On 4/9/2025 9:34 AM, Markus Armbruster wrote:
Steven Sistare <steven.sist...@oracle.com> writes:
On 4/9/2025 3:39 AM, Markus Armbruster wrote:
Hi Steve, I apologize for the slow response.
Steve Sistare <steven.sist...@oracle.com> writes:
Using qom-list and qom-get to get all the nodes and property values in a
QOM tree can take multiple seconds because it requires 1000's of individual
QOM requests. Some managers fetch the entire tree or a large subset
of it when starting a new VM, and this cost is a substantial fraction of
start up time.
"Some managers"... could you name one?
My personal experience is with Oracle's OCI, but likely others could benefit.
Peter Krempa tells us libvirt would benefit.
To reduce this cost, consider QAPI calls that fetch more information in
each call:
* qom-list-get: given a path, return a list of properties and values.
* qom-list-getv: given a list of paths, return a list of properties and
values for each path.
* qom-tree-get: given a path, return all descendant nodes rooted at that
path, with properties and values for each.
Libvirt developers, would you be interested in any of these?
In all cases, a returned property is represented by ObjectPropertyValue,
with fields name, type, value, and error. If an error occurs when reading
a value, the value field is omitted, and the error message is returned in the
the error field. Thus an error for one property will not cause a bulk fetch
operation to fail.
Returning errors this way is highly unusual. Observation; I'm not
rejecting this out of hand. Can you elaborate a bit on why it's useful?
It is considered an error to read some properties if they are not valid for
the configuration. And some properties are write-only and return an error
if they are read.
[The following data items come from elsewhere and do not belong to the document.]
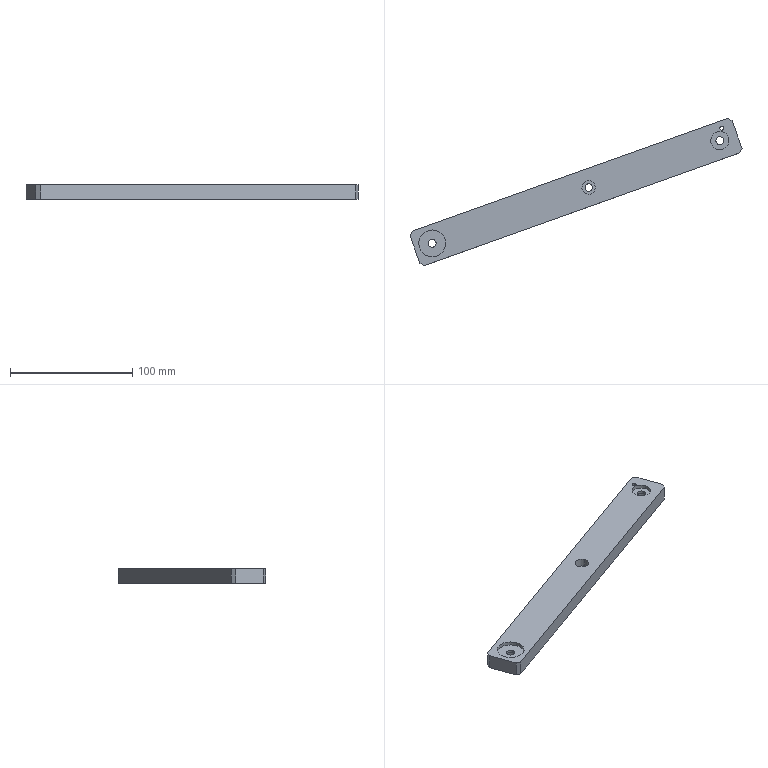Component | SolidWorks | JYTBJ-HeaderBrakeLever-1 | 1 solid | 36 faces | box 271.74 x 120.46 x 12 mm | volume 96229 mm3 | cylinder 20 | plane 16 | commonest cylinder face diameters 11 x6 6.6 x4 3.3 x2 16 x2 22 x2 15 x2 6 x2
build123d program:
from build123d import *

# Parameters (mm, degrees)
SKETCH1_W                                            = 280
SKETCH1_H                                            = 30
BOSS_EXTRUDE1_DEPTH                                  = 12
HOLE_SIZE_ACCORDING_TO_THE_TYPE_OF_HEXAG_D           = 6.6
HOLE_SIZE_ACCORDING_TO_THE_TYPE_OF_HEXAG_CBORE_D     = 11
HOLE_SIZE_ACCORDING_TO_THE_TYPE_OF_HEXAG_CBORE_DEPTH = 6.8
HOLE_SIZE_ACCORDING_TO_THE_TYPE_OF_H_2_D             = 6
HOLE_SIZE_ACCORDING_TO_THE_TYPE_OF_H_2_CBORE_D       = 11
HOLE_SIZE_ACCORDING_TO_THE_TYPE_OF_H_2_CBORE_DEPTH   = 6.8
SKETCH8_R                                            = 7.5
SKETCH8_R_2                                          = 11
CUT_EXTRUDE1_DEPTH                                   = 3
SKETCH9_R                                            = 8
CUT_EXTRUDE2_DEPTH                                   = 2
M4_TAPPED_HOLE1_D                                    = 3.3
CHAMFER1_SIZE                                        = 3


with BuildPart() as part:
    # Sketch1 → Boss-Extrude1 (new body)
    with BuildSketch(Plane.XY):
        Rectangle(SKETCH1_W, SKETCH1_H)
    extrude(amount=BOSS_EXTRUDE1_DEPTH)

    # Hole Size according to the type of hexag (through all)
    with Locations(Plane(origin=(0, 0, 0), x_dir=(-1, 0, 0), z_dir=(0, 0, -1))):
        with Locations((-125, 0), (125, 0)):
            CounterBoreHole(HOLE_SIZE_ACCORDING_TO_THE_TYPE_OF_HEXAG_D / 2, HOLE_SIZE_ACCORDING_TO_THE_TYPE_OF_HEXAG_CBORE_D / 2, HOLE_SIZE_ACCORDING_TO_THE_TYPE_OF_HEXAG_CBORE_DEPTH)

    # Hole Size according to the type of h 2 (through all)
    with Locations(Plane.XY.offset(12)):
        with Locations((-11, 0)):
            CounterBoreHole(HOLE_SIZE_ACCORDING_TO_THE_TYPE_OF_H_2_D / 2, HOLE_SIZE_ACCORDING_TO_THE_TYPE_OF_H_2_CBORE_D / 2, HOLE_SIZE_ACCORDING_TO_THE_TYPE_OF_H_2_CBORE_DEPTH)

    # Sketch8 → Cut-Extrude1 (cut)
    with BuildSketch(Plane.XY.offset(12)):
        with Locations((-125, 0)):
            Circle(SKETCH8_R)
        with Locations((125, 0)):
            Circle(SKETCH8_R_2)
    extrude(amount=-CUT_EXTRUDE1_DEPTH, mode=Mode.SUBTRACT)

    # Sketch9 → Cut-Extrude2 (cut)
    with BuildSketch(Plane(origin=(0, 0, 0), x_dir=(-1, 0, 0), z_dir=(0, 0, -1))):
        with Locations((11, 0)):
            Circle(SKETCH9_R)
    extrude(amount=-CUT_EXTRUDE2_DEPTH, mode=Mode.SUBTRACT)

    # M4 Tapped Hole1 (through all)
    with Locations(Plane(origin=(0, 0, 0), x_dir=(-1, 0, 0), z_dir=(0, 0, -1))):
        with Locations((130, -9)):
            Hole(M4_TAPPED_HOLE1_D / 2)

    # Chamfer1
    chamfer1_edges = [part.edges().sort_by_distance(p)[0] for p in [
        (140, 15, 6),
        (140, -15, 6),
        (-140, -15, 6),
        (-140, 15, 6),
    ]]
    chamfer(chamfer1_edges, length=CHAMFER1_SIZE)


solid = part.part

# Placed as in the assembly
solid = solid.moved(Location((-81.985, 223.08, 9), (0, 0, -160.334)))
STEP:
#1=COLOUR_RGB('',0.7922,0.8196,0.9333);
#2=FILL_AREA_STYLE_COLOUR('',#1);
#3=FILL_AREA_STYLE('',(#2));
#4=SURFACE_STYLE_FILL_AREA(#3);
#5=SURFACE_SIDE_STYLE('',(#4));
#6=SURFACE_STYLE_USAGE(.BOTH.,#5);
#7=PRESENTATION_STYLE_ASSIGNMENT((#6));
#8=CARTESIAN_POINT('',(1.411,10.817,0.8268));
#9=VERTEX_POINT('',#8);
#10=CARTESIAN_POINT('',(1.534,10.861,0.8268));
#11=VERTEX_POINT('',#10);
#12=CARTESIAN_POINT('',(1.473,10.839,0.8268));
#13=DIRECTION('',(-0.,0.,-1.));
#14=DIRECTION('',(0.9417,0.3365,0.));
#15=AXIS2_PLACEMENT_3D('',#12,#13,#14);
#16=CIRCLE('',#15,0.06496);
#17=EDGE_CURVE('',#9,#11,#16,.T.);
#18=ORIENTED_EDGE('',*,*,#17,.F.);
#19=CARTESIAN_POINT('',(1.411,10.817,0.3543));
#20=VERTEX_POINT('',#19);
#21=CARTESIAN_POINT('',(1.411,10.817,0.3543));
#22=DIRECTION('',(-0.,0.,-1.));
#23=VECTOR('',#22,39.37);
#24=LINE('',#21,#23);
#25=EDGE_CURVE('',#9,#20,#24,.T.);
#26=ORIENTED_EDGE('',*,*,#25,.T.);
#27=CARTESIAN_POINT('',(1.534,10.861,0.3543));
#28=VERTEX_POINT('',#27);
#29=CARTESIAN_POINT('',(1.473,10.839,0.3543));
#30=DIRECTION('',(-0.,0.,-1.));
#31=DIRECTION('',(0.9417,0.3365,0.));
#32=AXIS2_PLACEMENT_3D('',#29,#30,#31);
#33=CIRCLE('',#32,0.06496);
#34=EDGE_CURVE('',#20,#28,#33,.T.);
#35=ORIENTED_EDGE('',*,*,#34,.T.);
#36=CARTESIAN_POINT('',(1.534,10.861,0.3543));
#37=DIRECTION('',(-0.,0.,-1.));
#38=VECTOR('',#37,39.37);
#39=LINE('',#36,#38);
#40=EDGE_CURVE('',#11,#28,#39,.T.);
#41=ORIENTED_EDGE('',*,*,#40,.F.);
#42=EDGE_LOOP('',(#18,#26,#35,#41));
#43=FACE_OUTER_BOUND('',#42,.T.);
#44=CARTESIAN_POINT('',(1.473,10.839,0.3543));
#45=DIRECTION('',(-0.,0.,-1.));
#46=DIRECTION('',(0.9417,0.3365,0.));
#47=AXIS2_PLACEMENT_3D('',#44,#45,#46);
#48=CYLINDRICAL_SURFACE('',#47,0.06496);
#49=ADVANCED_FACE('',(#43),#48,.F.);
#50=CARTESIAN_POINT('',(-3.117,8.822,0.4331));
#51=VERTEX_POINT('',#50);
#52=CARTESIAN_POINT('',(-2.523,9.034,0.4331));
#53=VERTEX_POINT('',#52);
#54=CARTESIAN_POINT('',(-2.82,8.928,0.4331));
#55=DIRECTION('',(-0.,0.,-1.));
#56=DIRECTION('',(0.9417,0.3365,0.));
#57=AXIS2_PLACEMENT_3D('',#54,#55,#56);
#58=CIRCLE('',#57,0.315);
#59=EDGE_CURVE('',#51,#53,#58,.T.);
#60=ORIENTED_EDGE('',*,*,#59,.F.);
#61=CARTESIAN_POINT('',(-3.117,8.822,0.3543));
#62=VERTEX_POINT('',#61);
#63=CARTESIAN_POINT('',(-3.117,8.822,0.4331));
#64=DIRECTION('',(-0.,0.,-1.));
#65=VECTOR('',#64,39.37);
#66=LINE('',#63,#65);
#67=EDGE_CURVE('',#51,#62,#66,.T.);
#68=ORIENTED_EDGE('',*,*,#67,.T.);
#69=CARTESIAN_POINT('',(-2.523,9.034,0.3543));
#70=VERTEX_POINT('',#69);
#71=CARTESIAN_POINT('',(-2.82,8.928,0.3543));
#72=DIRECTION('',(-0.,0.,-1.));
#73=DIRECTION('',(0.9417,0.3365,0.));
#74=AXIS2_PLACEMENT_3D('',#71,#72,#73);
#75=CIRCLE('',#74,0.315);
#76=EDGE_CURVE('',#62,#70,#75,.T.);
#77=ORIENTED_EDGE('',*,*,#76,.T.);
#78=CARTESIAN_POINT('',(-2.523,9.034,0.4331));
#79=DIRECTION('',(-0.,0.,-1.));
#80=VECTOR('',#79,39.37);
#81=LINE('',#78,#80);
#82=EDGE_CURVE('',#53,#70,#81,.T.);
#83=ORIENTED_EDGE('',*,*,#82,.F.);
#84=EDGE_LOOP('',(#60,#68,#77,#83));
#85=FACE_OUTER_BOUND('',#84,.T.);
#86=CARTESIAN_POINT('',(-2.82,8.928,0.4331));
#87=DIRECTION('',(-0.,0.,-1.));
#88=DIRECTION('',(0.9417,0.3365,0.));
#89=AXIS2_PLACEMENT_3D('',#86,#87,#88);
#90=CYLINDRICAL_SURFACE('',#89,0.315);
#91=ADVANCED_FACE('',(#85),#90,.F.);
#92=CARTESIAN_POINT('',(-7.454,7.272,0.7087));
#93=VERTEX_POINT('',#92);
#94=CARTESIAN_POINT('',(-8.27,6.981,0.7087));
#95=VERTEX_POINT('',#94);
#96=CARTESIAN_POINT('',(-7.862,7.126,0.7087));
#97=DIRECTION('',(0.,-0.,1.));
#98=DIRECTION('',(-0.9417,-0.3365,0.));
#99=AXIS2_PLACEMENT_3D('',#96,#97,#98);
#100=CIRCLE('',#99,0.4331);
#101=EDGE_CURVE('',#93,#95,#100,.T.);
#102=ORIENTED_EDGE('',*,*,#101,.F.);
#103=CARTESIAN_POINT('',(-7.454,7.272,0.8268));
#104=VERTEX_POINT('',#103);
#105=CARTESIAN_POINT('',(-7.454,7.272,0.7087));
#106=DIRECTION('',(0.,-0.,1.));
#107=VECTOR('',#106,39.37);
#108=LINE('',#105,#107);
#109=EDGE_CURVE('',#93,#104,#108,.T.);
#110=ORIENTED_EDGE('',*,*,#109,.T.);
#111=CARTESIAN_POINT('',(-8.27,6.981,0.8268));
#112=VERTEX_POINT('',#111);
#113=CARTESIAN_POINT('',(-7.862,7.126,0.8268));
#114=DIRECTION('',(0.,-0.,1.));
#115=DIRECTION('',(-0.9417,-0.3365,0.));
#116=AXIS2_PLACEMENT_3D('',#113,#114,#115);
#117=CIRCLE('',#116,0.4331);
#118=EDGE_CURVE('',#104,#112,#117,.T.);
#119=ORIENTED_EDGE('',*,*,#118,.T.);
#120=CARTESIAN_POINT('',(-8.27,6.981,0.7087));
#121=DIRECTION('',(0.,-0.,1.));
#122=VECTOR('',#121,39.37);
#123=LINE('',#120,#122);
#124=EDGE_CURVE('',#95,#112,#123,.T.);
#125=ORIENTED_EDGE('',*,*,#124,.F.);
#126=EDGE_LOOP('',(#102,#110,#119,#125));
#127=FACE_OUTER_BOUND('',#126,.T.);
#128=CARTESIAN_POINT('',(-7.862,7.126,0.7087));
#129=DIRECTION('',(0.,-0.,1.));
#130=DIRECTION('',(-0.9417,-0.3365,0.));
#131=AXIS2_PLACEMENT_3D('',#128,#129,#130);
#132=CYLINDRICAL_SURFACE('',#131,0.4331);
#133=ADVANCED_FACE('',(#127),#132,.F.);
#134=CARTESIAN_POINT('',(1.685,10.538,0.7087));
#135=VERTEX_POINT('',#134);
#136=CARTESIAN_POINT('',(1.128,10.339,0.7087));
#137=VERTEX_POINT('',#136);
#138=CARTESIAN_POINT('',(1.406,10.439,0.7087));
#139=DIRECTION('',(0.,-0.,1.));
#140=DIRECTION('',(-0.9417,-0.3365,0.));
#141=AXIS2_PLACEMENT_3D('',#138,#139,#140);
#142=CIRCLE('',#141,0.2953);
#143=EDGE_CURVE('',#135,#137,#142,.T.);
#144=ORIENTED_EDGE('',*,*,#143,.F.);
#145=CARTESIAN_POINT('',(1.685,10.538,0.8268));
#146=VERTEX_POINT('',#145);
#147=CARTESIAN_POINT('',(1.685,10.538,0.7087));
#148=DIRECTION('',(0.,-0.,1.));
#149=VECTOR('',#148,39.37);
#150=LINE('',#147,#149);
#151=EDGE_CURVE('',#135,#146,#150,.T.);
#152=ORIENTED_EDGE('',*,*,#151,.T.);
#153=CARTESIAN_POINT('',(1.128,10.339,0.8268));
#154=VERTEX_POINT('',#153);
#155=CARTESIAN_POINT('',(1.406,10.439,0.8268));
#156=DIRECTION('',(0.,-0.,1.));
#157=DIRECTION('',(-0.9417,-0.3365,0.));
#158=AXIS2_PLACEMENT_3D('',#155,#156,#157);
#159=CIRCLE('',#158,0.2953);
#160=EDGE_CURVE('',#146,#154,#159,.T.);
#161=ORIENTED_EDGE('',*,*,#160,.T.);
#162=CARTESIAN_POINT('',(1.128,10.339,0.7087));
#163=DIRECTION('',(0.,-0.,1.));
#164=VECTOR('',#163,39.37);
#165=LINE('',#162,#164);
#166=EDGE_CURVE('',#137,#154,#165,.T.);
#167=ORIENTED_EDGE('',*,*,#166,.F.);
#168=EDGE_LOOP('',(#144,#152,#161,#167));
#169=FACE_OUTER_BOUND('',#168,.T.);
#170=CARTESIAN_POINT('',(1.406,10.439,0.7087));
#171=DIRECTION('',(0.,-0.,1.));
#172=DIRECTION('',(-0.9417,-0.3365,0.));
#173=AXIS2_PLACEMENT_3D('',#170,#171,#172);
#174=CYLINDRICAL_SURFACE('',#173,0.2953);
#175=ADVANCED_FACE('',(#169),#174,.F.);
#176=CARTESIAN_POINT('',(-2.616,9.001,0.5591));
#177=VERTEX_POINT('',#176);
#178=CARTESIAN_POINT('',(-3.024,8.856,0.5591));
#179=VERTEX_POINT('',#178);
#180=CARTESIAN_POINT('',(-2.82,8.928,0.5591));
#181=DIRECTION('',(0.,-0.,1.));
#182=DIRECTION('',(-0.9417,-0.3365,0.));
#183=AXIS2_PLACEMENT_3D('',#180,#181,#182);
#184=CIRCLE('',#183,0.2165);
#185=EDGE_CURVE('',#177,#179,#184,.T.);
#186=ORIENTED_EDGE('',*,*,#185,.F.);
#187=CARTESIAN_POINT('',(-2.616,9.001,0.8268));
#188=VERTEX_POINT('',#187);
#189=CARTESIAN_POINT('',(-2.616,9.001,0.8268));
#190=DIRECTION('',(0.,-0.,1.));
#191=VECTOR('',#190,39.37);
#192=LINE('',#189,#191);
#193=EDGE_CURVE('',#177,#188,#192,.T.);
#194=ORIENTED_EDGE('',*,*,#193,.T.);
#195=CARTESIAN_POINT('',(-3.024,8.856,0.8268));
#196=VERTEX_POINT('',#195);
#197=CARTESIAN_POINT('',(-2.82,8.928,0.8268));
#198=DIRECTION('',(0.,-0.,1.));
#199=DIRECTION('',(-0.9417,-0.3365,0.));
#200=AXIS2_PLACEMENT_3D('',#197,#198,#199);
#201=CIRCLE('',#200,0.2165);
#202=EDGE_CURVE('',#188,#196,#201,.T.);
#203=ORIENTED_EDGE('',*,*,#202,.T.);
#204=CARTESIAN_POINT('',(-3.024,8.856,0.8268));
#205=DIRECTION('',(0.,-0.,1.));
#206=VECTOR('',#205,39.37);
#207=LINE('',#204,#206);
#208=EDGE_CURVE('',#179,#196,#207,.T.);
#209=ORIENTED_EDGE('',*,*,#208,.F.);
#210=EDGE_LOOP('',(#186,#194,#203,#209));
#211=FACE_OUTER_BOUND('',#210,.T.);
#212=CARTESIAN_POINT('',(-2.82,8.928,0.8268));
#213=DIRECTION('',(0.,-0.,1.));
#214=DIRECTION('',(-0.9417,-0.3365,0.));
#215=AXIS2_PLACEMENT_3D('',#212,#213,#214);
#216=CYLINDRICAL_SURFACE('',#215,0.2165);
#217=ADVANCED_FACE('',(#211),#216,.F.);
#218=CARTESIAN_POINT('',(-8.066,7.054,0.622));
#219=VERTEX_POINT('',#218);
#220=CARTESIAN_POINT('',(-7.658,7.199,0.622));
#221=VERTEX_POINT('',#220);
#222=CARTESIAN_POINT('',(-7.862,7.126,0.622));
#223=DIRECTION('',(-0.,0.,-1.));
#224=DIRECTION('',(0.9417,0.3365,0.));
#225=AXIS2_PLACEMENT_3D('',#222,#223,#224);
#226=CIRCLE('',#225,0.2165);
#227=EDGE_CURVE('',#219,#221,#226,.T.);
#228=ORIENTED_EDGE('',*,*,#227,.F.);
#229=CARTESIAN_POINT('',(-8.066,7.054,0.3543));
#230=VERTEX_POINT('',#229);
#231=CARTESIAN_POINT('',(-8.066,7.054,0.3543));
#232=DIRECTION('',(-0.,0.,-1.));
#233=VECTOR('',#232,39.37);
#234=LINE('',#231,#233);
#235=EDGE_CURVE('',#219,#230,#234,.T.);
#236=ORIENTED_EDGE('',*,*,#235,.T.);
#237=CARTESIAN_POINT('',(-7.658,7.199,0.3543));
#238=VERTEX_POINT('',#237);
#239=CARTESIAN_POINT('',(-7.862,7.126,0.3543));
#240=DIRECTION('',(-0.,0.,-1.));
#241=DIRECTION('',(0.9417,0.3365,0.));
#242=AXIS2_PLACEMENT_3D('',#239,#240,#241);
#243=CIRCLE('',#242,0.2165);
#244=EDGE_CURVE('',#230,#238,#243,.T.);
#245=ORIENTED_EDGE('',*,*,#244,.T.);
#246=CARTESIAN_POINT('',(-7.658,7.199,0.3543));
#247=DIRECTION('',(-0.,0.,-1.));
#248=VECTOR('',#247,39.37);
#249=LINE('',#246,#248);
#250=EDGE_CURVE('',#221,#238,#249,.T.);
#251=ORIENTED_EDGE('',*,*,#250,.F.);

Examples:
legacy-i8042: <EXCEPTION: Property 'vmmouse.legacy-i8042' is not readable>
(str)
legacy-memory: <EXCEPTION: Property 'qemu64-x86_64-cpu.legacy-memory' is not
readable> (str)
crash-information: <EXCEPTION: No crash occurred> (GuestPanicInformation)
With conventional error handling, if any of these poison pills falls in the
scope of a bulk get operation, the entire operation fails.
I suspect many of these poison pills are design mistakes.
If a property is not valid for the configuration, why does it exist?
QOM is by design dynamic. I wish it wasn't, but as long as it is
dynamic, I can't see why we should create properties we know to be
unusable.
Why is reading crash-information an error when no crash occured? This
is the *normal* case. Errors are for the abnormal.
Anyway, asking you to fix design mistakes all over the place wouldn't be
fair. So I'm asking you something else instead: do you actually need
the error information?
I don't need the specific error message.
I could return a boolean meaning "property not available" instead of returning
the exact error message, as long as folks are OK with the output of the qom-tree
script changing for these properties.